Eagerly awaiting the sequel.......


----------



## ClusterChuck (May 21, 2012)

Love the peeta and edward homage to two of the best worst series ever.


----------



## MatthewJ.Anderson (May 24, 2012)

Aww! You got to let it sit for awhile! If it's satire/deliberately bad, you can't tell us until you have to tell us. It's pretty obvious this was a joke-piece. It's so bad, but also cohesive. A bad writer could not have written it... if that make sense. Anyhow, I laughed. But I wished you let people fall for your gag before you let 'em know it's a joke.

MJA


----------



## TBK (May 29, 2012)

I loved the first line.

It was all downhill from there, which is probably a good thing.

I think the humor should be able to support itself without the grammar and spelling being horrible. 
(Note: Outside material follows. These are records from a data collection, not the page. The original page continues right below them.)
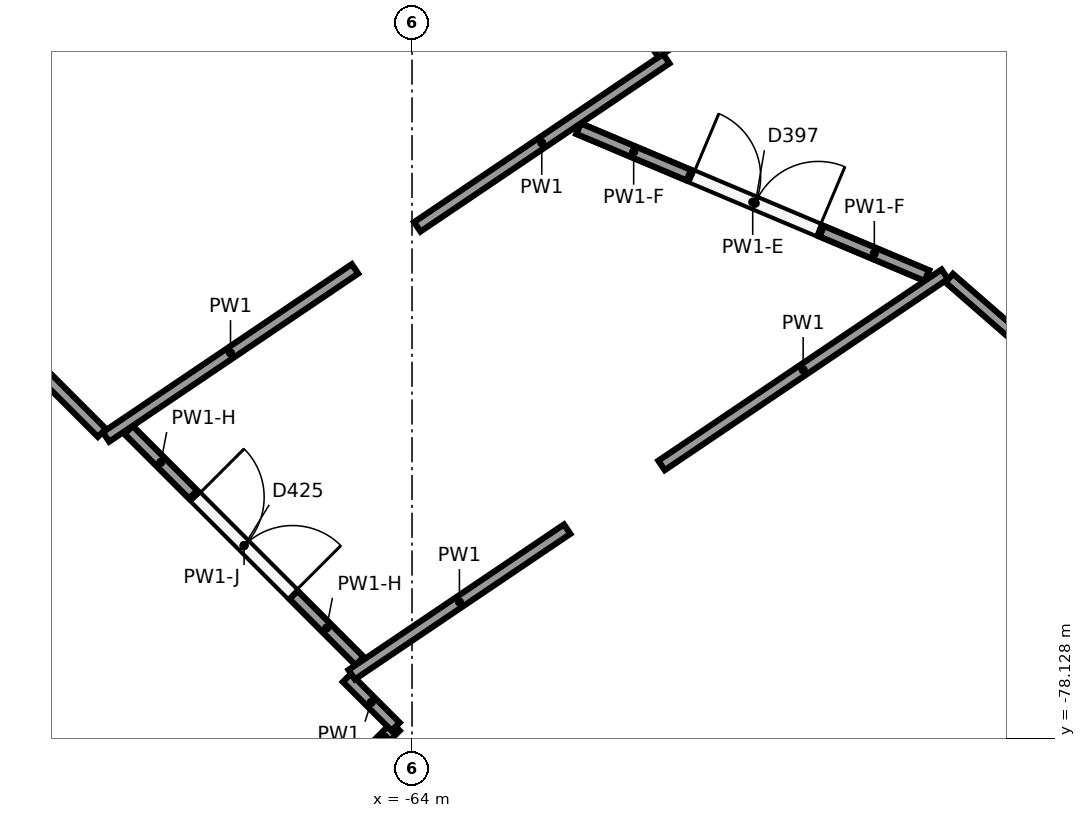
"""IFC4 building model, lengths in metres.
Left out: names, types, materials, properties, quantities, classifications, styles, units other than length and angle.
Written with IfcOpenShell. Run it as: python <this file> out.ifc"""

import sys

from ifc_helpers import new_model, si_unit, direction, frame, frame_2d, origin, origin_2d, place, context, subcontext, project, spatial, rectangle, circle, extrude, element, fill, save


model = new_model("IFC4")
c1 = context("Model", 3, precision=1e-05, world=origin(), true_north=direction((0.0, 1.0)))
c2 = subcontext(c1, "Body", "Model", "MODEL_VIEW")
j1 = project(units=[si_unit("LENGTHUNIT", "METRE"), si_unit("PLANEANGLEUNIT", "RADIAN")], contexts=[c1])
p1 = place(None, origin())
s1 = spatial("IfcSite", under=j1, at=p1, CompositionType="ELEMENT")
p2 = place(p1, origin())
s2 = spatial("IfcBuilding", under=s1, at=p2, CompositionType="ELEMENT")
p3 = place(p2, origin())
s3 = spatial("IfcBuildingStorey", under=s2, at=p3, CompositionType="ELEMENT", Elevation=0.0)
p4 = place(p3, frame((-63.068, -73.47, 0.0), z_axis=(0.0, 0.0, 1.0), x_axis=(1.0, 0.0, 0.0)))
e1 = element("IfcColumn", 1, at=p4, inside=s3, PredefinedType="COLUMN", context=c2, shape_type="SweptSolid", body=[
    extrude(circle(Radius=0.45, at=origin_2d()), origin(), (0.0, 0.0, 1.0), 6.5),
])
p5 = place(p3, frame((-60.655, -69.186, 0.0), z_axis=(0.0, 0.0, 1.0), x_axis=(-0.828805713465, -0.559536495081, 0.0)))
e2 = element("IfcWall", 2, at=p5, inside=s3, PredefinedType="PARTITIONING", context=c2, shape_type="SweptSolid", body=[
    extrude(rectangle(XDim=3.953, YDim=0.15, at=frame_2d((1.977, 0.0))), origin(), (0.0, 0.0, 1.0), 6.15),
])
p6 = place(p3, frame((-64.75, -71.951, 0.0), z_axis=(0.0, 0.0, 1.0), x_axis=(-0.828815019126, -0.559522710952, 0.0)))
e3 = element("IfcWall", 3, at=p6, inside=s3, PredefinedType="PARTITIONING", context=c2, shape_type="SweptSolid", body=[
    extrude(rectangle(XDim=3.953, YDim=0.15, at=frame_2d((1.977, 0.0))), origin(), (0.0, 0.0, 1.0), 6.15),
])
p7 = place(p3, frame((-68.08, -74.109, 0.0), z_axis=(0.0, 0.0, 1.0), x_axis=(-0.70712613939, 0.707087422453, 0.0)))
e4 = element("IfcWall", 4, at=p7, inside=s3, PredefinedType="PARTITIONING", context=c2, shape_type="SweptSolid", body=[
    extrude(rectangle(XDim=6.306, YDim=0.15, at=frame_2d((3.153, 0.0))), origin(), (0.0, 0.0, 1.0), 6.15),
])
p8 = place(p3, frame((-63.251, -65.301, 0.0), z_axis=(0.0, 0.0, 1.0), x_axis=(0.555582071925, -0.831461701677, 0.0)))
e5 = element("IfcWall", 5, at=p8, inside=s3, PredefinedType="PARTITIONING", context=c2, shape_type="SweptSolid", body=[
    extrude(rectangle(XDim=4.598, YDim=0.15, at=frame_2d((2.299, 0.0))), origin(), (0.0, 0.0, 1.0), 6.15),
])
p9 = place(p3, frame((-64.496, -78.254, 0.0), z_axis=(0.0, 0.0, 1.0), x_axis=(0.706798874946, 0.707414553409, 0.0)))
e6 = element("IfcWall", 6, at=p9, inside=s3, PredefinedType="PARTITIONING", context=c2, shape_type="SweptSolid", body=[
    extrude(rectangle(XDim=0.396, YDim=0.15, at=frame_2d((0.198, 0.0))), origin(), (0.0, 0.0, 1.0), 6.15),
])
p10 = place(p3, frame((-64.216, -77.973, 0.0), z_axis=(0.0, 0.0, 1.0), x_axis=(-0.707106781187, 0.707106781187, 0.0)))
e7 = element("IfcWall", 7, at=p10, inside=s3, PredefinedType="PARTITIONING", context=c2, shape_type="SweptSolid", body=[
    extrude(rectangle(XDim=0.907, YDim=0.15, at=frame_2d((0.454, 0.0))), origin(), (0.0, 0.0, 1.0), 6.15),
])
p11 = place(p3, frame((-64.794, -77.289, 0.0), z_axis=(0.0, 0.0, 1.0), x_axis=(0.828829640135, 0.559501052397, 0.0)))
e8 = element("IfcWall", 8, at=p11, inside=s3, PredefinedType="PARTITIONING", context=c2, shape_type="SweptSolid", body=[
    extrude(rectangle(XDim=3.42, YDim=0.15, at=frame_2d((1.71, 0.0))), origin(), (0.0, 0.0, 1.0), 6.15),
])
p12 = place(p3, frame((-60.717, -74.537, 0.0), z_axis=(0.0, 0.0, 1.0), x_axis=(0.828836712626, 0.559490575259, 0.0)))
e9 = element("IfcWall", 9, at=p12, inside=s3, PredefinedType="PARTITIONING", context=c2, shape_type="SweptSolid", body=[
    extrude(rectangle(XDim=4.496, YDim=0.15, at=frame_2d((2.248, 0.0))), origin(), (0.0, 0.0, 1.0), 6.15),
])
p13 = place(p3, frame((-56.932, -72.073, 0.0), z_axis=(0.0, 0.0, 1.0), x_axis=(0.753910661327, -0.656976951451, 0.0)))
e10 = element("IfcWall", 10, at=p13, inside=s3, PredefinedType="PARTITIONING", context=c2, shape_type="SweptSolid", body=[
    extrude(rectangle(XDim=4.473, YDim=0.15, at=frame_2d((2.237, 0.0))), origin(), (0.0, 0.0, 1.0), 6.15),
])
p14 = place(p3, frame((-67.729, -74.071, 0.0), z_axis=(0.0, 0.0, 1.0), x_axis=(0.707106781187, -0.707106781187, 0.0)))
e11 = element("IfcWall", 11, at=p14, inside=s3, PredefinedType="PARTITIONING", context=c2, shape_type="SweptSolid", body=[
    extrude(rectangle(XDim=4.298, YDim=0.15, at=frame_2d((2.149, 0.0))), origin(), (0.0, 0.0, 1.0), 5.05),
])
p15 = place(p14, frame((1.25, 0.0, 0.0)))
e12 = element("IfcOpeningElement", 12, at=p15, cuts=e11, PredefinedType="OPENING", context=c2, shape_type="SweptSolid", body=[
    extrude(rectangle(XDim=1.8, YDim=2.1, at=frame_2d((0.9, 1.05))), frame((0.0, 0.085, 0.0), z_axis=(0.0, -1.0, 0.0), x_axis=(1.0, 0.0, 0.0)), (0.0, 0.0, 1.0), 0.17),
])
p16 = place(p3, frame((-67.729, -74.071, 5.05), z_axis=(0.0, 0.0, 1.0), x_axis=(0.707106781187, -0.707106781187, 0.0)))
e13 = element("IfcWall", 13, at=p16, inside=s3, PredefinedType="PARTITIONING", context=c2, shape_type="SweptSolid", body=[
    extrude(rectangle(XDim=1.2, YDim=0.15, at=frame_2d((0.6, 0.0))), origin(), (0.0, 0.0, 1.0), 1.1),
])
p17 = place(p3, frame((-65.559, -76.241, 5.05), z_axis=(0.0, 0.0, 1.0), x_axis=(0.707106781187, -0.707106781187, 0.0)))
e14 = element("IfcWall", 14, at=p17, inside=s3, PredefinedType="PARTITIONING", context=c2, shape_type="SweptSolid", body=[
    extrude(rectangle(XDim=1.229, YDim=0.15, at=frame_2d((0.614, 0.0))), origin(), (0.0, 0.0, 1.0), 1.1),
])
p18 = place(p3, frame((-61.809, -70.106, 0.0), z_axis=(0.0, 0.0, 1.0), x_axis=(0.921339438191, -0.388759102316, 0.0)))
e15 = element("IfcWall", 15, at=p18, inside=s3, PredefinedType="PARTITIONING", context=c2, shape_type="SweptSolid", body=[
    extrude(rectangle(XDim=4.974, YDim=0.15, at=frame_2d((2.487, 0.0))), origin(), (0.0, 0.0, 1.0), 5.25),
])
p19 = place(p18, frame((1.624, 0.0, 0.0)))
e16 = element("IfcOpeningElement", 16, at=p19, cuts=e15, PredefinedType="OPENING", context=c2, shape_type="SweptSolid", body=[
    extrude(rectangle(XDim=1.8, YDim=2.1, at=frame_2d((0.9, 1.05))), frame((0.0, 0.085, 0.0), z_axis=(0.0, -1.0, 0.0), x_axis=(1.0, 0.0, 0.0)), (0.0, 0.0, 1.0), 0.17),
])
p20 = place(p3, frame((-58.608, -71.457, 5.25), z_axis=(0.0, 0.0, 1.0), x_axis=(0.92131952974, -0.388806280966, 0.0)))
e17 = element("IfcWall", 17, at=p20, inside=s3, PredefinedType="PARTITIONING", context=c2, shape_type="SweptSolid", body=[
    extrude(rectangle(XDim=1.5, YDim=0.15, at=frame_2d((0.75, 0.0))), origin(), (0.0, 0.0, 1.0), 0.9),
])
p21 = place(p3, frame((-61.809, -70.106, 5.25), z_axis=(0.0, 0.0, 1.0), x_axis=(0.921337247527, -0.38876429404, 0.0)))
e18 = element("IfcWall", 18, at=p21, inside=s3, PredefinedType="PARTITIONING", context=c2, shape_type="SweptSolid", body=[
    extrude(rectangle(XDim=1.574, YDim=0.15, at=frame_2d((0.787, 0.0))), origin(), (0.0, 0.0, 1.0), 0.9),
])
p22 = place(p15, origin())
e19 = element("IfcDoor", 19, at=p22, inside=s3, OperationType="DOUBLE_DOOR_SINGLE_SWING", PredefinedType="DOOR", context=c2, shape_type="SweptSolid", body=[
    extrude(rectangle(XDim=1.8, YDim=2.1, at=frame_2d((0.9, 1.05))), frame((0.0, 0.025, 0.0), z_axis=(0.0, -1.0, 0.0), x_axis=(1.0, 0.0, 0.0)), (0.0, 0.0, 1.0), 0.05),
])
fill(e12, e19)
p23 = place(p19, origin())
e20 = element("IfcDoor", 20, at=p23, inside=s3, OperationType="DOUBLE_DOOR_SINGLE_SWING", PredefinedType="DOOR", context=c2, shape_type="SweptSolid", body=[
    extrude(rectangle(XDim=1.8, YDim=2.1, at=frame_2d((0.9, 1.05))), frame((0.0, 0.025, 0.0), z_axis=(0.0, -1.0, 0.0), x_axis=(1.0, 0.0, 0.0)), (0.0, 0.0, 1.0), 0.05),
])
fill(e16, e20)
save(model, sys.argv[1])

If you make it _too _bad, it becomes unreadable. There's a fine line between bad-to-be-funny and ACTUALLY bad.


----------



## pauldennis133 (May 29, 2012)

Awesome work! I really loved the excessive use of the exclamation points. Really made me believe that everyone was either yelling or had gone quite insane. Thanks for the laugh, I really needed one today.


----------



## Randyjoe (Jun 1, 2012)

I'm probably showing my ignorance, but I was surprised to read " this is my attempt at writing the worst short story to ever hit this forum."

I thought your use of unorthodox use of adjectives such as 'garbagy' to describe the table was really novel. I also like the use of phonetic spelling. I suppose I found it funny, but otherwise I actually liked this piece for its novelty. I hope that isn't an indication of how bad my writing is


----------



## Ponderosa (Jun 3, 2012)

I couldn't get past the word 'garbagy' for a good 10 minutes. I just sat staring trying to make sense of why the table was a 'garbagy piece of garbage'. hehehe.
Also, his girlfriend..... is his sister?! Very edgy. hehe


----------



## Gerry_VDS (Jun 3, 2012)

Very Good!  Funny!  You should definitly post it in the worst story ever competition!!


----------



## Firm1 (Jun 15, 2012)

wtf?


----------



## JDegg (Jun 15, 2012)

Unfortunately this is not the worst short story ever... because you are actually trying to write the worst short story ever.

The worst short stories are the ones where the author is so clearly serious that you feel for their sanity.


----------



## El Chacal (Jun 17, 2012)

_In  the smoky coffeeshop. Supercop Blaze Winchester sat at the shaky,  garbagy, piece of garbage they called a table. He stuffed chocolate  donuts in his mouth and watched the breathtaking sunrise go down and  wiped his mouth with a napkin and looked at the table next to him and  put the napkin back down and brushed his perfect hair back and looked  back at the donuts again and ate them._

Best. Opening lines. Ever.


----------



## Odon (Jun 19, 2012)

entertaining


----------



## Kat Molina (Jun 20, 2012)

LMAO....falling sunrise.  i love it.  :::wipes away tear from laughing so hard::: oh, ok...i'm better now.  god i needed that.  thanks.


----------



## Seckroth24 (Sep 28, 2012)

This was hilarious. It is nice to get a break from the overly serious and read something like this. I'm glad I clicked


----------



## Jo Tampoco (Oct 12, 2012)

I like "aplausded".


----------